Bugün, geçtiğimiz hafta 9. Kez düzenlenen YÖREX fuarından
söz edeceğiz. Bu tür etkinliklerle Hasan Subaşı zamanında Cam Piramit ile AKM
arasına inşa edilen “Kral Yolu” üzerindeki etkinliklerle tanıştık.
YÖREX bu yıl, rahatsızlandığım, bile bile yanlış
noktalarda derman arayıp kendimi avuttuğum döneme rastladı. Girişte, her fuarda
yerini alan Uşaklı Tarhanacı Baba vardı. Manavgat reyonuna gidiyorum. Herkes
maden memleketini öne çıkarıyor, bir Manavgatlı olarak üstümüze düşeni yaparız.
Bu arada Serikliler stant açtı da biz mi uğramadık?
Ne Beypazarı Kurusu’na bakıyorum, ne Malatya’nın dut
pestillerine. Manavgat standında “Çivirgi” yiyeceğim. Evet şekerim var. Ne
diyordu Tanju Okan. “Koy koy koy koy… Öleceksek ölelim..”
MATSO yine çok hoş bir stand hazırlamış. “Ahmet Boztaş,
‘Manavgat’ı marka yapacağım’ diye diye kendini markalaştırdı” diyen arkadaşımda
orada. Kendisi yerel ürünlerin ortaya çıkarılmasını, tanıtılmasını, yöre
halkının hem özüne dönüp, hem de para kazanmasını “siyasi yatırım malzemesi”
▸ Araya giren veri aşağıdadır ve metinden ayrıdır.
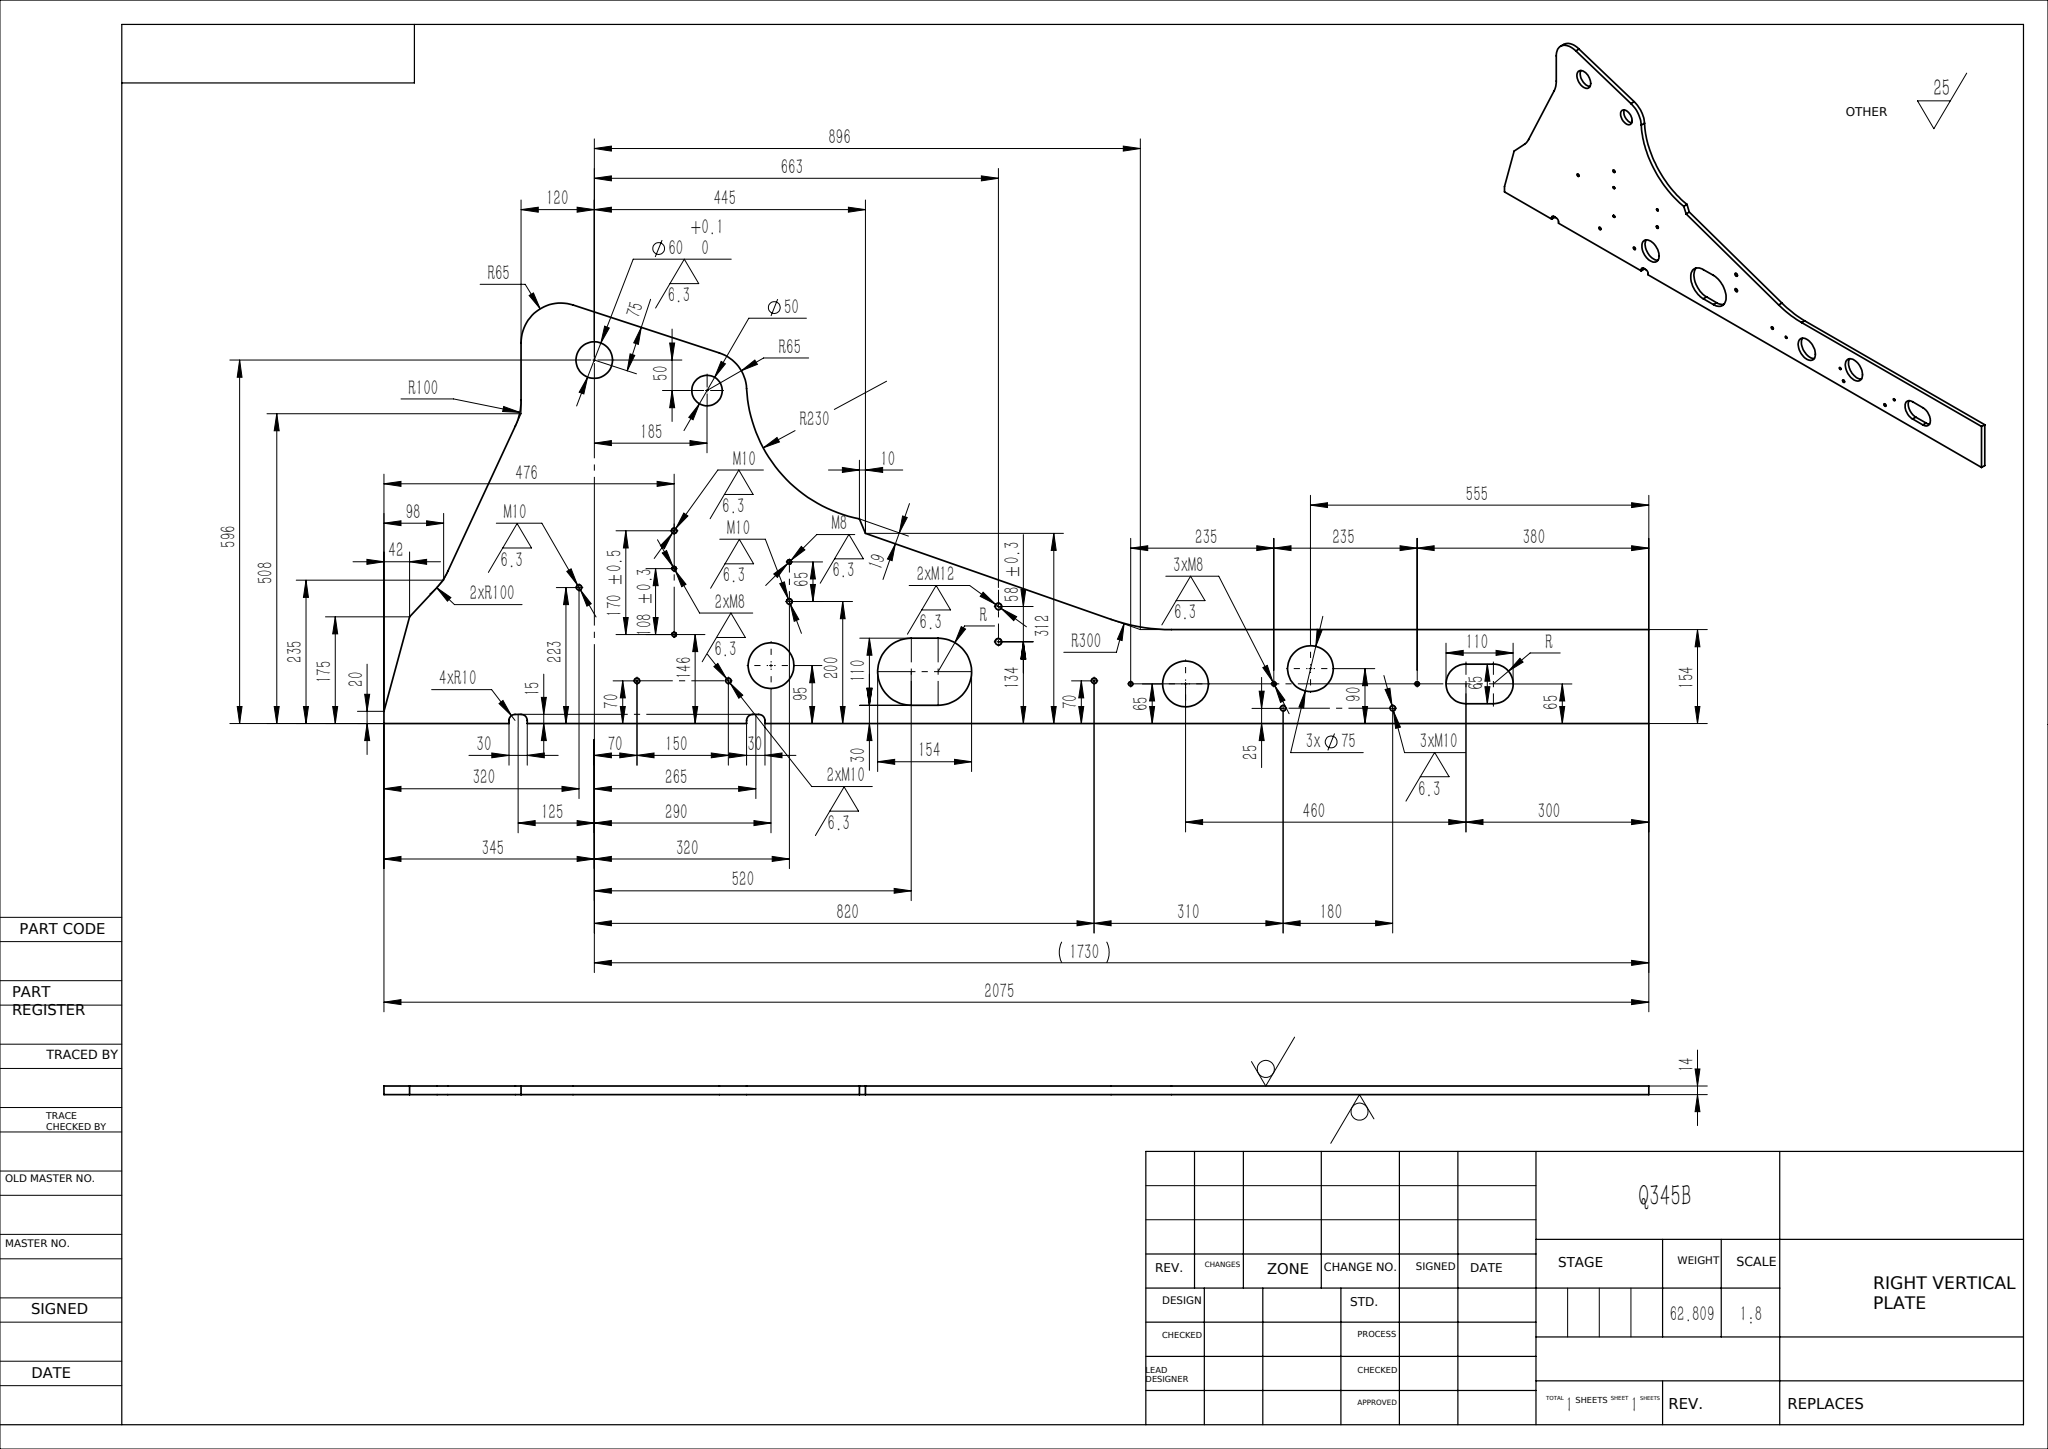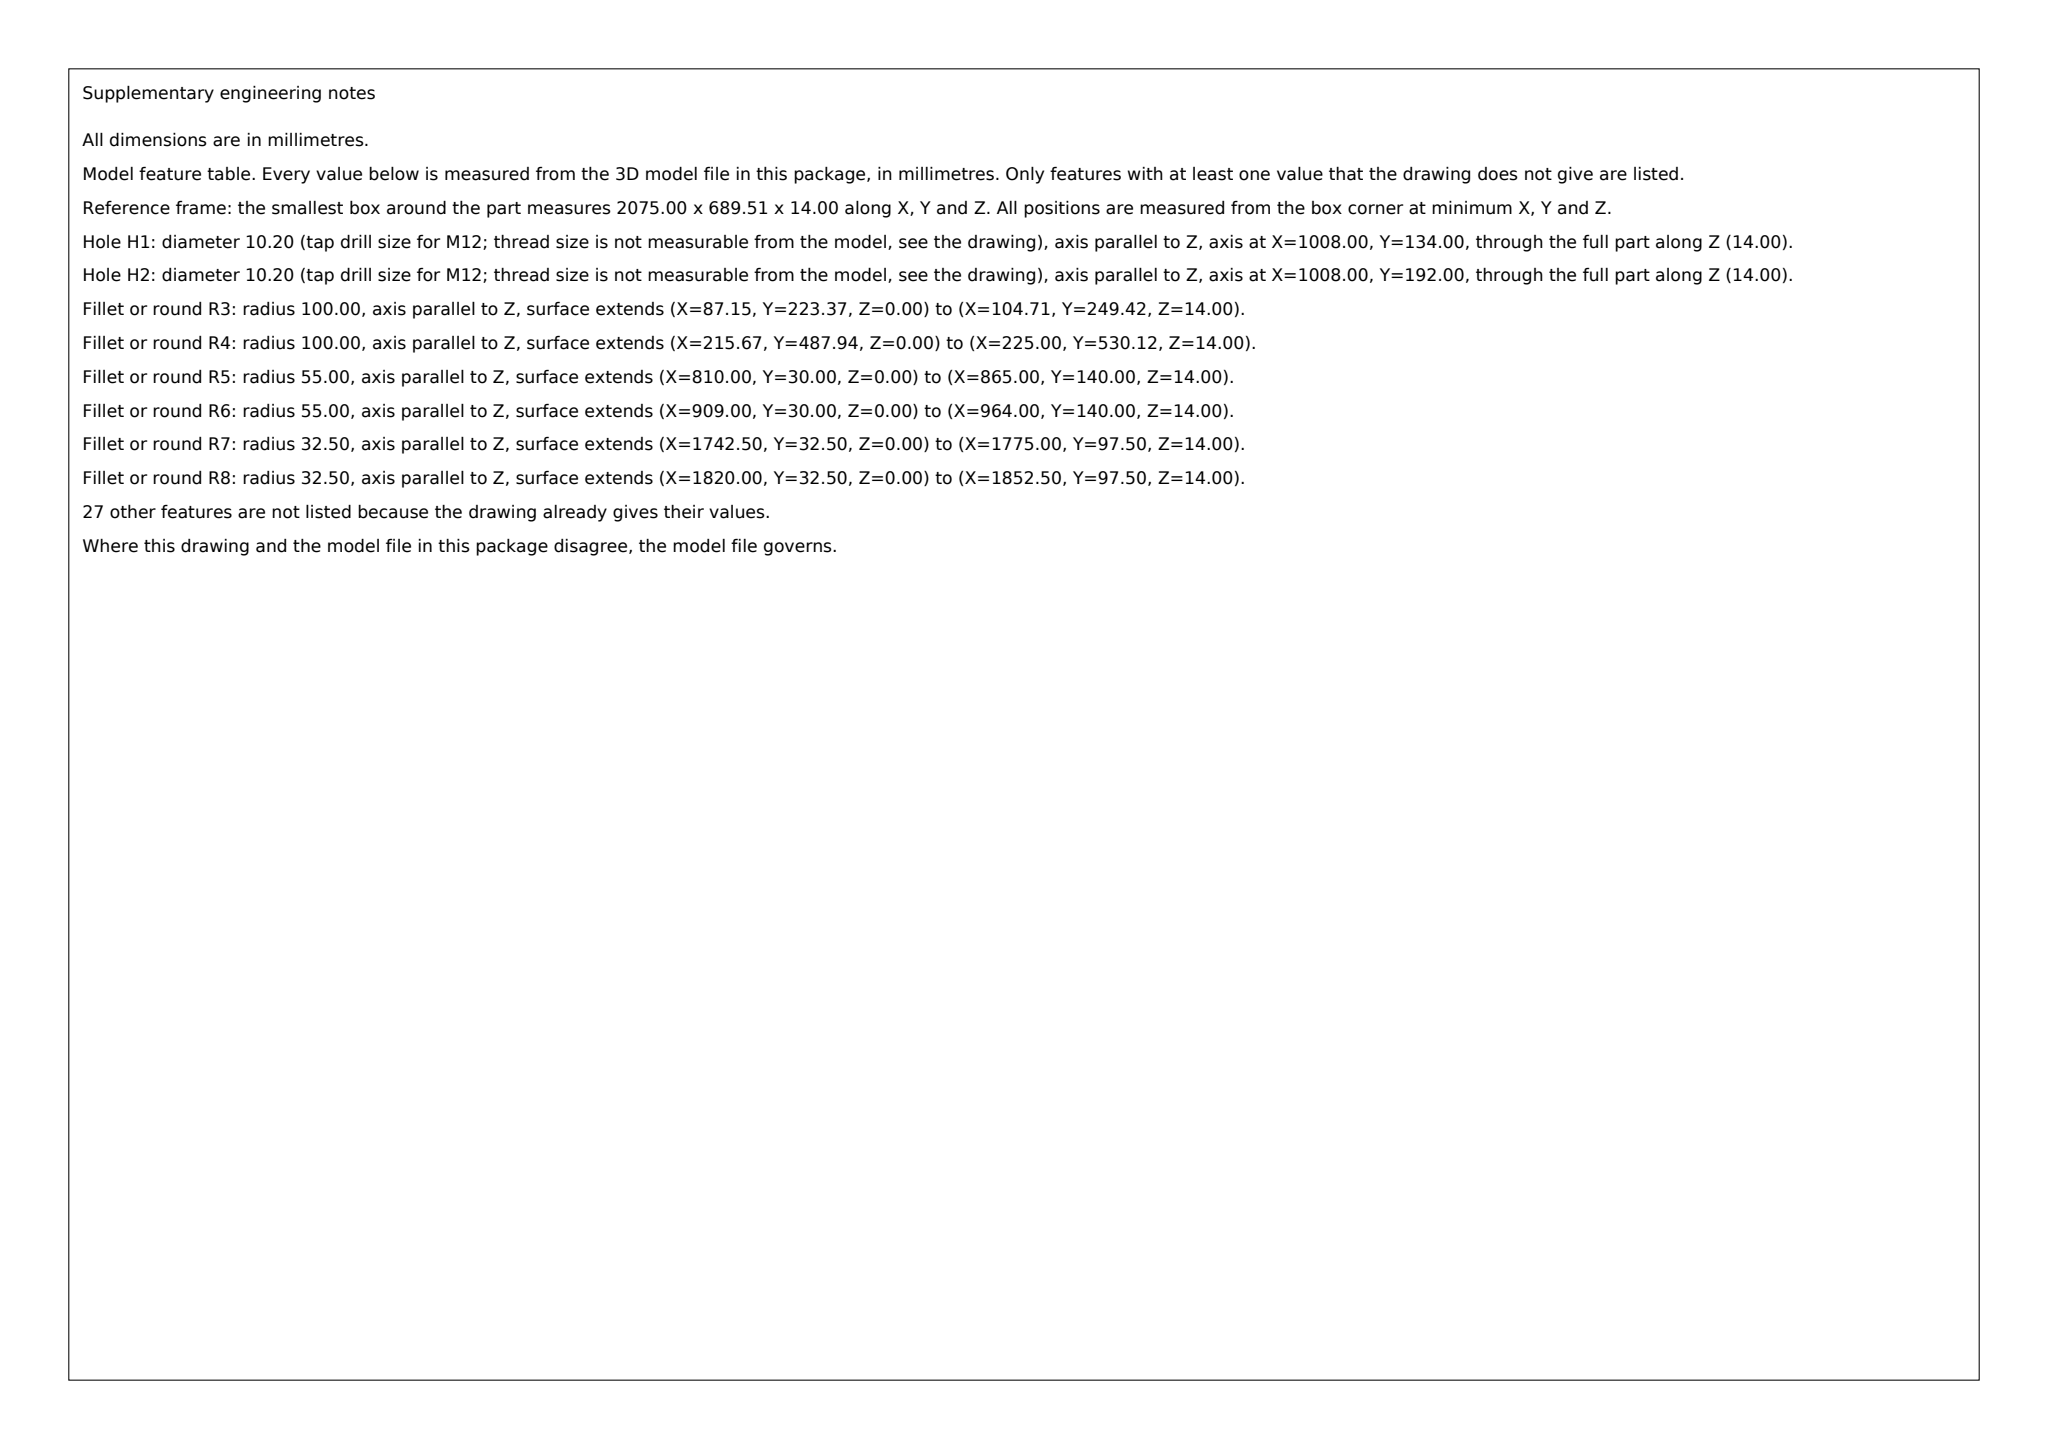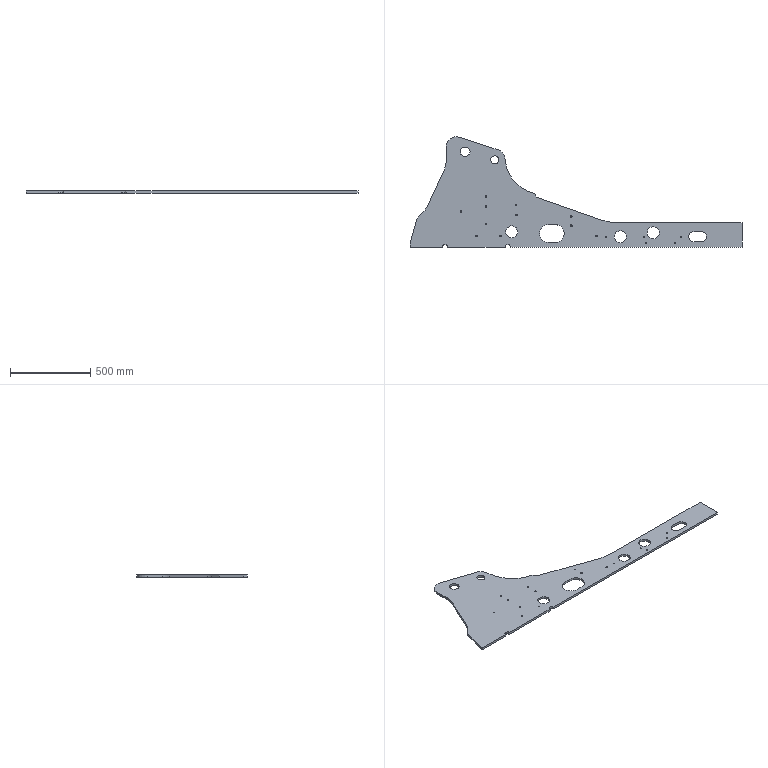Part | SolidWorks | mm | material Q345B | 1 solid | 83 faces | box 2075 x 689.51 x 14 mm | volume 8001084 mm3 | cylinder 58 | plane 25 | commonest cylinder face diameters 8.5 x16 6.8 x12 75 x6 10.2 x4 20 x4 110 x3 65 x3 50 x2
build123d program:
from build123d import *

# Parameters (mm, degrees)
SKETCH1_R           = 30
SKETCH1_R_2         = 37.5
SKETCH1_R_3         = 25
BOSS_EXTRUDE1_DEPTH = 14
M10_TAPPED_HOLE1_D  = 8.5
M10_TAPPED_HOLE2_D  = 8.5
M8_TAPPED_HOLE1_D   = 6.8
M10_TAPPED_HOLE4_D  = 8.5
M8_TAPPED_HOLE3_D   = 6.8
M12_TAPPED_HOLE1_D  = 10.2
M10_TAPPED_HOLE3_D  = 8.5
M8_TAPPED_HOLE4_D   = 6.8


with BuildPart() as part:
    # Sketch1 → Boss-Extrude1 (new body)
    with BuildSketch(Plane.XY):
        with BuildLine():
            Line((0, 0), (205, 0))
            Line((205, 0), (205, 5))
            ThreePointArc((205, 5), (207.929, 12.071), (215, 15))
            Line((215, 15), (225, 15))
            ThreePointArc((225, 15), (232.071, 12.071), (235, 5))
            Line((235, 5), (235, 0))
            Line((235, 0), (595, 0))
            Line((595, 0), (595, 5))
            ThreePointArc((595, 5), (597.929, 12.071), (605, 15))
            Line((605, 15), (615, 15))
            ThreePointArc((615, 15), (622.071, 12.071), (625, 5))
            Line((625, 5), (625, 0))
            Line((625, 0), (2075, 0))
            Line((2075, 0), (2075, 154))
            Line((2075, 154), (1292.029, 154))
            ThreePointArc((1292.029, 154), (1241.723, 158.248), (1192.84, 170.872))
            Line((1192.84, 170.872), (790, 312))
            Line((790, 312), (780, 335.636))
            ThreePointArc((780, 335.636), (650.738, 410.702), (594.913, 549.364))
            ThreePointArc((594.913, 549.364), (581.619, 585.503), (550.21, 607.778))
            Line((550.21, 607.778), (310.21, 686.293))
            ThreePointArc((310.21, 686.293), (251.847, 677.139), (225, 624.514))
            Line((225, 624.514), (225, 530.122))
            ThreePointArc((225, 530.122), (222.639, 508.522), (215.669, 487.942))
            Line((215.669, 487.942), (104.71, 249.423))
            ThreePointArc((104.71, 249.423), (96.957, 235.703), (87.146, 223.371))
            Line((87.146, 223.371), (42, 175))
            Line((42, 175), (0, 20))
            Line((0, 20), (0, 0))
        make_face()
        with Locations((345, 596)):
            Circle(SKETCH1_R, mode=Mode.SUBTRACT)
        with Locations((1520, 90)):
            Circle(SKETCH1_R_2, mode=Mode.SUBTRACT)
        with Locations((1315, 65)):
            Circle(SKETCH1_R_2, mode=Mode.SUBTRACT)
        with Locations((635, 95)):
            Circle(SKETCH1_R_2, mode=Mode.SUBTRACT)
        with Locations((530, 546)):
            Circle(SKETCH1_R_3, mode=Mode.SUBTRACT)
        with BuildLine():
            Line((1775, 97.5), (1820, 97.5))
            ThreePointArc((1820, 97.5), (1852.5, 65), (1820, 32.5))
            Line((1820, 32.5), (1775, 32.5))
            ThreePointArc((1775, 32.5), (1742.5, 65), (1775, 97.5))
        make_face(mode=Mode.SUBTRACT)
        with BuildLine():
            Line((865, 140), (909, 140))
            ThreePointArc((909, 140), (964, 85), (909, 30))
            Line((909, 30), (865, 30))
            ThreePointArc((865, 30), (810, 85), (865, 140))
        make_face(mode=Mode.SUBTRACT)
    extrude(amount=BOSS_EXTRUDE1_DEPTH)

    # M10 Tapped Hole1 (through all)
    with Locations(Plane(origin=(320, 223, 14), x_dir=(1, 0, 0), z_dir=(0, 0, 1))):
        with Locations((0, 0), (95, -153), (245, -153)):
            Hole(M10_TAPPED_HOLE1_D / 2)

    # M10 Tapped Hole2 (through all)
    with Locations(Plane(origin=(476, 316, 14), x_dir=(1, 0, 0), z_dir=(0, 0, 1))):
        with Locations((0, 0)):
            Hole(M10_TAPPED_HOLE2_D / 2)

    # M8 Tapped Hole1 (through all)
    with Locations(Plane(origin=(476, 254, 14), x_dir=(1, 0, 0), z_dir=(0, 0, 1))):
        with Locations((0, 0), (189, 11)):
            Hole(M8_TAPPED_HOLE1_D / 2)

    # M10 Tapped Hole4 (through all)
    with Locations(Plane(origin=(665, 200, 14), x_dir=(1, 0, 0), z_dir=(0, 0, 1))):
        with Locations((0, 0)):
            Hole(M10_TAPPED_HOLE4_D / 2)

    # M8 Tapped Hole3 (through all)
    with Locations(Plane(origin=(476, 146, 14), x_dir=(1, 0, 0), z_dir=(0, 0, 1))):
        with Locations((0, 0)):
            Hole(M8_TAPPED_HOLE3_D / 2)

    # M12 Tapped Hole1 (through all)
    with Locations(Plane(origin=(1008, 192, 14), x_dir=(1, 0, 0), z_dir=(0, 0, 1))):
        with Locations((0, 0), (0, -58)):
            Hole(M12_TAPPED_HOLE1_D / 2)

    # M10 Tapped Hole3 (through all)
    with Locations(Plane(origin=(1165, 70, 14), x_dir=(1, 0, 0), z_dir=(0, 0, 1))):
        with Locations((0, 0), (310, -45), (490, -45)):
            Hole(M10_TAPPED_HOLE3_D / 2)

    # M8 Tapped Hole4 (through all)
    with Locations(Plane(origin=(1225, 65, 14), x_dir=(1, 0, 0), z_dir=(0, 0, 1))):
        with Locations((0, 0), (235, 0), (470, 0)):
            Hole(M8_TAPPED_HOLE4_D / 2)


solid = part.part

olarak görüyor ki; hala “Şükrü Sözen çekilecekmiş. Bu koşulda Boztaş elini
kolunu sallaya sallaya seçimi alır” diyor.
Sahi nedir bu Sözen vakası. Fuarda birkaç Manavgatlı
arkadaşımla görüştüm, ardından Manavgat’takilerle yazıştım. Konuştum. Bir
dedikodu var. “Şükrü Sözen Kılıçdaroğlu’na, ‘Beni affedin, ailem istemiyor,
onun için çekiliyorum’ demiş” diyorlar. Bir başkası da ekliyor, “Büyükşehir
adayına göre karar verecekmiş.” İşin ucu
kaçtı, “eşi, ‘aday olursan seni boşarım’ demiş”e götürüyor bir diğeri.
Neyse biz YÖREX’e dönelim.
Geçtiğimiz yıl en azından meşhur çakıları ile Serik
ilçesinin neden daha büyük bir stant açmadığını sormuştuk. Bu yık külli
göremedik. Eeee… Henüz aday adayı iken şahsıma 2 saatini ayırıp, “Serik
Avrupa’da en çok tanınan 10 ilçeden biri olacak” diyen kişi mevcut Belediye
Başkanı Ramazan Çalık değil miydi?
Sadece “Çivirdek” değil, bir tane de “kıstırma”
atıştırıyorum erken gittiğim randevuda Ahmet Boztaş’ı beklerken. Geldi… O da ne
ayakta duracak hali yok. “Zatürre başlangıcı” demiş doktor. Ona rağmen fuarda.
Zaten fuar boyunca her gün orada olup, konuklarını ağırladı.
Ertesi gün bir daha gittik YÖREX’e. Yolda toplu taşıma
araçlarından inip koşar adım ANFAŞ’a koşan yaşlı insanları gören eşim şaşkın.
Stantlara göz atıyoruz usulünden. Ufak tefek bişeyler alıp dönüyoruz Manavgat
standına.
Başkan Boztaş yine orada.
Bu arada “emekçi” gibi çalışarak bu fuarın bugüne
gelmesini sağlayan Borsa Başkanı Ali Çandır ve ekibini de takdir edelim, onlar
bizi umursamaz da biz kendilerini önemsiyoruz. Çünkü memlekete artı değer
katıyorlar. Kişisel beklentimiz yok.
Fuarın son günü akşam saati telefonla aradım Başkan
Boztaş’ı. Yine oradaydı. Bir “Manavgatlı” olarak teşekkür ettim Manavgatlılar
şahsıma böyle bir yetki vermediği halde. “#NeVarsaManavgattaVar” ve
“#ManavgatınTadıVar” söylemi ile yola çıkan, gereğini de fazlasıyla yerine
getiren Boztaş ve ekibine bir de buradan teşekkür edelim.